Koeng101
commented
4 years ago Here is a potential solution to non-naive deduplication.
The general idea is that to do deduplication you find the longest common substring (L) that occurs a certain number of times (K) in a concatenated string with all known DNA (S). If you graph L as Y and K as X, you're going to find that there is some power-law like distribution, where for few K you have a very large L, and as you increase K, L gets shorter.
We have a function that we're optimizing for, however, which is to save space. The amount of bytes saved (BS) is the value of LK, which graphed against K, will be a wavy-looking function that has a few dips, or minimal regions. To achieve good compression, you yoink the dips that minimize LK, remove the occurrences of the L regions from S, and keep them separately in string X, noting what portions you've taken out.
X becomes the new actual index, and then you just iterate on the S, appending things to X, until it's not worth doing anymore (the index storage becomes more costly than just redundantly storing a few bytes), and then just slap the remaining S onto X.
In the end, you will have a map of parts -> []indexes, and the X string. Take the suffix array (SA) of X, and you are left with 3 data structures: the map, X, and SA, which should represent approximately the minimal space requirements for any given set of DNA strings. Then, for figuring out matches, use an algorithm like Centrifuge on the suffix array, doing hops when you encounter index edges.
Since you got a suffix array at the end with a string, you can use native Go-stuff for fast search. This is a pretty similar idea to the algorithm introduced in A new algorithm for “the LCS problem” with application in compressing genome resequencing data. Basically, they take the suffix tree, and then take the shortest path graphs. It's kind of complicated, while my solution above is basically to just take the suffix array (native Go) plus the LCP and then plug-n-chug with concurrency to brute force out the best L*K regions to minimize.
Thoughts @TimothyStiles ?
TimothyStiles
An extremely useful function for poly to have is efficient sequence search. This can be used for lots of different operations. Historically, BLAST has been the most popular technology, but BLAST has a few major disadvantages. BLAST is a relatively old technology, and its time complexity is at best
O(n), and at worst,O(n^2)wherenis the length of your sequence.How should we implement efficient sequence search in Poly?
Use modern algorithms like Suffix trees, Suffix arrays and FM indexes
When it comes to efficient algorithms for searching sequence, there are 3 primary algorithms to be interested in - suffix trees, suffix arrays, and FM indexes.

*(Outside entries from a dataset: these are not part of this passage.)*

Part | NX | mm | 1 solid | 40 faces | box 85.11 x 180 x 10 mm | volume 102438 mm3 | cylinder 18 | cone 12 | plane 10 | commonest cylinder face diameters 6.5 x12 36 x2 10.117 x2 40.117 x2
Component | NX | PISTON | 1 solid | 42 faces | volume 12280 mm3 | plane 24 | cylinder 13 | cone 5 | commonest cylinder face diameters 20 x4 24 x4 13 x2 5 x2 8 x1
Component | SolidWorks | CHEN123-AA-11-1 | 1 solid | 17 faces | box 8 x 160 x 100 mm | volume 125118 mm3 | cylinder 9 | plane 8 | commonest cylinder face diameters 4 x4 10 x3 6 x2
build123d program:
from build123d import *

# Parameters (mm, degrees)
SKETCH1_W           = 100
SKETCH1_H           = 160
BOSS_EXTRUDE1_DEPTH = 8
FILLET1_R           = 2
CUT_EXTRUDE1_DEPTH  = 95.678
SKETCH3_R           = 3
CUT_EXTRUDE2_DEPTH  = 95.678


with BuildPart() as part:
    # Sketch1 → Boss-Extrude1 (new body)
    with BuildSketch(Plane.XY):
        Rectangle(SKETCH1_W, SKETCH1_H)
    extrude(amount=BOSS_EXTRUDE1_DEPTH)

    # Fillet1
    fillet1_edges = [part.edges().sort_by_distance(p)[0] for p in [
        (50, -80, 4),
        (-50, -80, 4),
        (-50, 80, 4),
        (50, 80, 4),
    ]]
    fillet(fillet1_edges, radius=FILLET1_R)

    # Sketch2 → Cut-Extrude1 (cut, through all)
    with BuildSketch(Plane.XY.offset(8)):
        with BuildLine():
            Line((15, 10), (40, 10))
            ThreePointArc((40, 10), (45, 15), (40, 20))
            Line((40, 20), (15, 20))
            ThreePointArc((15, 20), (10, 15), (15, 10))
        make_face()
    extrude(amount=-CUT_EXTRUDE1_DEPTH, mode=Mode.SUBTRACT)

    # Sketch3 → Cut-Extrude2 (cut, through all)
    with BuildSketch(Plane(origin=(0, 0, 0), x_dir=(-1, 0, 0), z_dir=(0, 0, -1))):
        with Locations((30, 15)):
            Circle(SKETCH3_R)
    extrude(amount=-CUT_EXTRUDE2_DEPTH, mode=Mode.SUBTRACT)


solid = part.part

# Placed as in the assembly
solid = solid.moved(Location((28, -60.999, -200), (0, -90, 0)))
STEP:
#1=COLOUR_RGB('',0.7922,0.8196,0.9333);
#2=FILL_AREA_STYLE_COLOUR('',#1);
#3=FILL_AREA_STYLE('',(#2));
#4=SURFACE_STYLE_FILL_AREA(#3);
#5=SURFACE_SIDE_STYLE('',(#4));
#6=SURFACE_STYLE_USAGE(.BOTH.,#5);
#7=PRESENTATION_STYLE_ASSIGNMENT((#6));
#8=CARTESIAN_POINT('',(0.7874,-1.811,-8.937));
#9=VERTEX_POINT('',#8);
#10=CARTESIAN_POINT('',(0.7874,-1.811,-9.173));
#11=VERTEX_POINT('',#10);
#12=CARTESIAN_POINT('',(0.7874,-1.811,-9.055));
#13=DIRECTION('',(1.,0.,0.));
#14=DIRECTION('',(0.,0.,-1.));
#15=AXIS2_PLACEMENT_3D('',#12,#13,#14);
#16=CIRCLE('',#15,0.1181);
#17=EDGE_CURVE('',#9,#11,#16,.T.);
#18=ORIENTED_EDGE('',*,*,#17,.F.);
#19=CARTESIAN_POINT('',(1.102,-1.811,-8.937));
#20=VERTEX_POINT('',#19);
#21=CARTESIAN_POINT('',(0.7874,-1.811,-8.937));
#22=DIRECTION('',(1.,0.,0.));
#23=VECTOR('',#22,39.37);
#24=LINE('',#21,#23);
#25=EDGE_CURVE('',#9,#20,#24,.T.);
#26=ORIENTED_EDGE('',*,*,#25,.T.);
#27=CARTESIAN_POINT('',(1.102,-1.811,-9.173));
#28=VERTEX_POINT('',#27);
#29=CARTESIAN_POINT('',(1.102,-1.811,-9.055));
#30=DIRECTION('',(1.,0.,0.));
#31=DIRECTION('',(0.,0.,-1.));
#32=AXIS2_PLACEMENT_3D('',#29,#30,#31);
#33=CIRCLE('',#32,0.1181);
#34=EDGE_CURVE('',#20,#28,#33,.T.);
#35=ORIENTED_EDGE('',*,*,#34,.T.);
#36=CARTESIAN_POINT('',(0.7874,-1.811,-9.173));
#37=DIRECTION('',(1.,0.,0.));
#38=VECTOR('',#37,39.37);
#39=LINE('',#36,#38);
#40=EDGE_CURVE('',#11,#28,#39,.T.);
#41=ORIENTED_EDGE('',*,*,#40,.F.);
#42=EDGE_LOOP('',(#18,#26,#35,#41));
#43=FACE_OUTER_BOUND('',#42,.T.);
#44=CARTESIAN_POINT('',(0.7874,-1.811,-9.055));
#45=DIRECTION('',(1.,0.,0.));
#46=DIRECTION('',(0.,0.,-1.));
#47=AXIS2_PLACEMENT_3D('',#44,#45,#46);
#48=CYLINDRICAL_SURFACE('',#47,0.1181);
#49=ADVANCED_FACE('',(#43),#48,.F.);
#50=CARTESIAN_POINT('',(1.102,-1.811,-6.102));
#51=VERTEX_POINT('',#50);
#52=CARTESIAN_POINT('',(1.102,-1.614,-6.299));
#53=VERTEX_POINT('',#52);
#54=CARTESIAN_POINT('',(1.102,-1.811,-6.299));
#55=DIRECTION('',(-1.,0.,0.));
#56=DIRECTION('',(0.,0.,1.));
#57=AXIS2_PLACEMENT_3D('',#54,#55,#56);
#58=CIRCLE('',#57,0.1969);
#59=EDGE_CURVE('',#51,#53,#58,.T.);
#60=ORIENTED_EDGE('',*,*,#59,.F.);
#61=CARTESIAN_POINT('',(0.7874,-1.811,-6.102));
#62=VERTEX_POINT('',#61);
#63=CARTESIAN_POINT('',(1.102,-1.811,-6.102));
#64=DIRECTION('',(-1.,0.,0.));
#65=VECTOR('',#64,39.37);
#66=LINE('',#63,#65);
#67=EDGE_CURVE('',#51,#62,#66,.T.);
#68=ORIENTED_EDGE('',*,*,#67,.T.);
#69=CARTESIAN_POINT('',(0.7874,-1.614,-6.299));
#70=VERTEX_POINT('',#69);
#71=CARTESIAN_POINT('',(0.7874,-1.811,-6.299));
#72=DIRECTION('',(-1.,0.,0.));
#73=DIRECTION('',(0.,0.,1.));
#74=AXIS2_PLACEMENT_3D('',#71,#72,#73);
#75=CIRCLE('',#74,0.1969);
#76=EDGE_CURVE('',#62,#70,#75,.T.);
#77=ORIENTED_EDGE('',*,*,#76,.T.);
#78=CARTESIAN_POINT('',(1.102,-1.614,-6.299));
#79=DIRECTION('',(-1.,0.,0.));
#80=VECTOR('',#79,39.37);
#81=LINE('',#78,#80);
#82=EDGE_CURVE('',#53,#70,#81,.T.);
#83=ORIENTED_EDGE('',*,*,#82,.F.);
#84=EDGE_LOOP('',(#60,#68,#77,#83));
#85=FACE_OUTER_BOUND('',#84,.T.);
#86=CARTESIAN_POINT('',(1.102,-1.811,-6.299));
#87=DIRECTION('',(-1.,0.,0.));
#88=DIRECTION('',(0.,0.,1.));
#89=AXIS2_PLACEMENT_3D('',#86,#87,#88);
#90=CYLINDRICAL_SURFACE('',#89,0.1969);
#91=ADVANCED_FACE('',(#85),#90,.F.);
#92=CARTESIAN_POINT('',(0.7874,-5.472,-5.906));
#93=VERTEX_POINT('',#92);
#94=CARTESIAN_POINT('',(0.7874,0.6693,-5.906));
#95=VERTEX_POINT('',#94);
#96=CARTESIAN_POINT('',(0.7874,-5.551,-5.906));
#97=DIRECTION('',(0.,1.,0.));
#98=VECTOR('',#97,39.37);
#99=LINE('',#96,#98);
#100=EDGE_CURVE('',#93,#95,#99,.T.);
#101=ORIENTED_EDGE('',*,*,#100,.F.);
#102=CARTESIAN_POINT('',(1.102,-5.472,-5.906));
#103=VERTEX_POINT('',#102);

All three can reduce sequence search down to log time complexity. Suffix trees take a large quantity of memory, but are extremely fast for certain domains of problems (like the longest common substring problem). Suffix arrays are much simpler and smaller, but can't do as many interesting things as suffix trees can. However, they do have the unique advantage in Go of being implemented in the standard library.
FM indexes are relatively more complex than both suffix arrays and suffix trees (if you want to learn more, watch this video on suffix tries/trees, burrows-wheeler transform, and finally the FM index). While they are more computationally intensive than suffix trees or arrays and are much more complicated than suffix trees or arrays, they take up far less space.
Given popular tools like Bowtie2 and https://ccb.jhu.edu/software/centrifuge/ use the FM index, this is probably what poly should do, right?
FM indexes aren't that great
In 2016, Centrifuge was made for the purpose of very fast sequence search. Basically, they took similar genomes and did deduplication of common genetic elements (based on species and 53 k-mers), then created an FM index of those sequences. The deduplication seems to yield a sequence that is about ~15% the size of the original entry. In 2016, the NCBI sequence databases, when duplicates are removed, is about 109 billion base pairs.
Stored as a suffix array, this would take 147 gigabytes of memory (with the Golang suffix array implementation. (each base set to int8, so index + storage takes 9 bytes per base)
Stored as a FM index, this took 69 gigabytes of memory.
Centrifuge's naive deduplication algorithm was able to achieve about 6.6x reduction in memory usage overall, while FM indexes were only able to get 2.1x reduction from suffix arrays alone.
Deduplication should be the primary focus
In essence, it seems like what is saving a real quantity of memory isn't necessarily the FM index and all the complexity it brings along, but the simple act of deduplicating data. Thus, to do effective sequence search, I think Poly should use the basic Golang suffix arrays and invest energy into figuring out deduplication of genetic data. If Poly is meant for forward engineering, we can expect that DNA parts will be reused quite often, which is an opportunity for creating a very efficient deduplication scheme. Centrifuge's deduplication scheme doesn't have great support for circular sequences, which is something Poly should have.
Deduplication is also a very nice feature for commercial operations that need to save lots of sequence data, such as data coming through sequencers. I'm not sure how to implement this yet, but we should think about it. Please post in this thread if you have any ideas.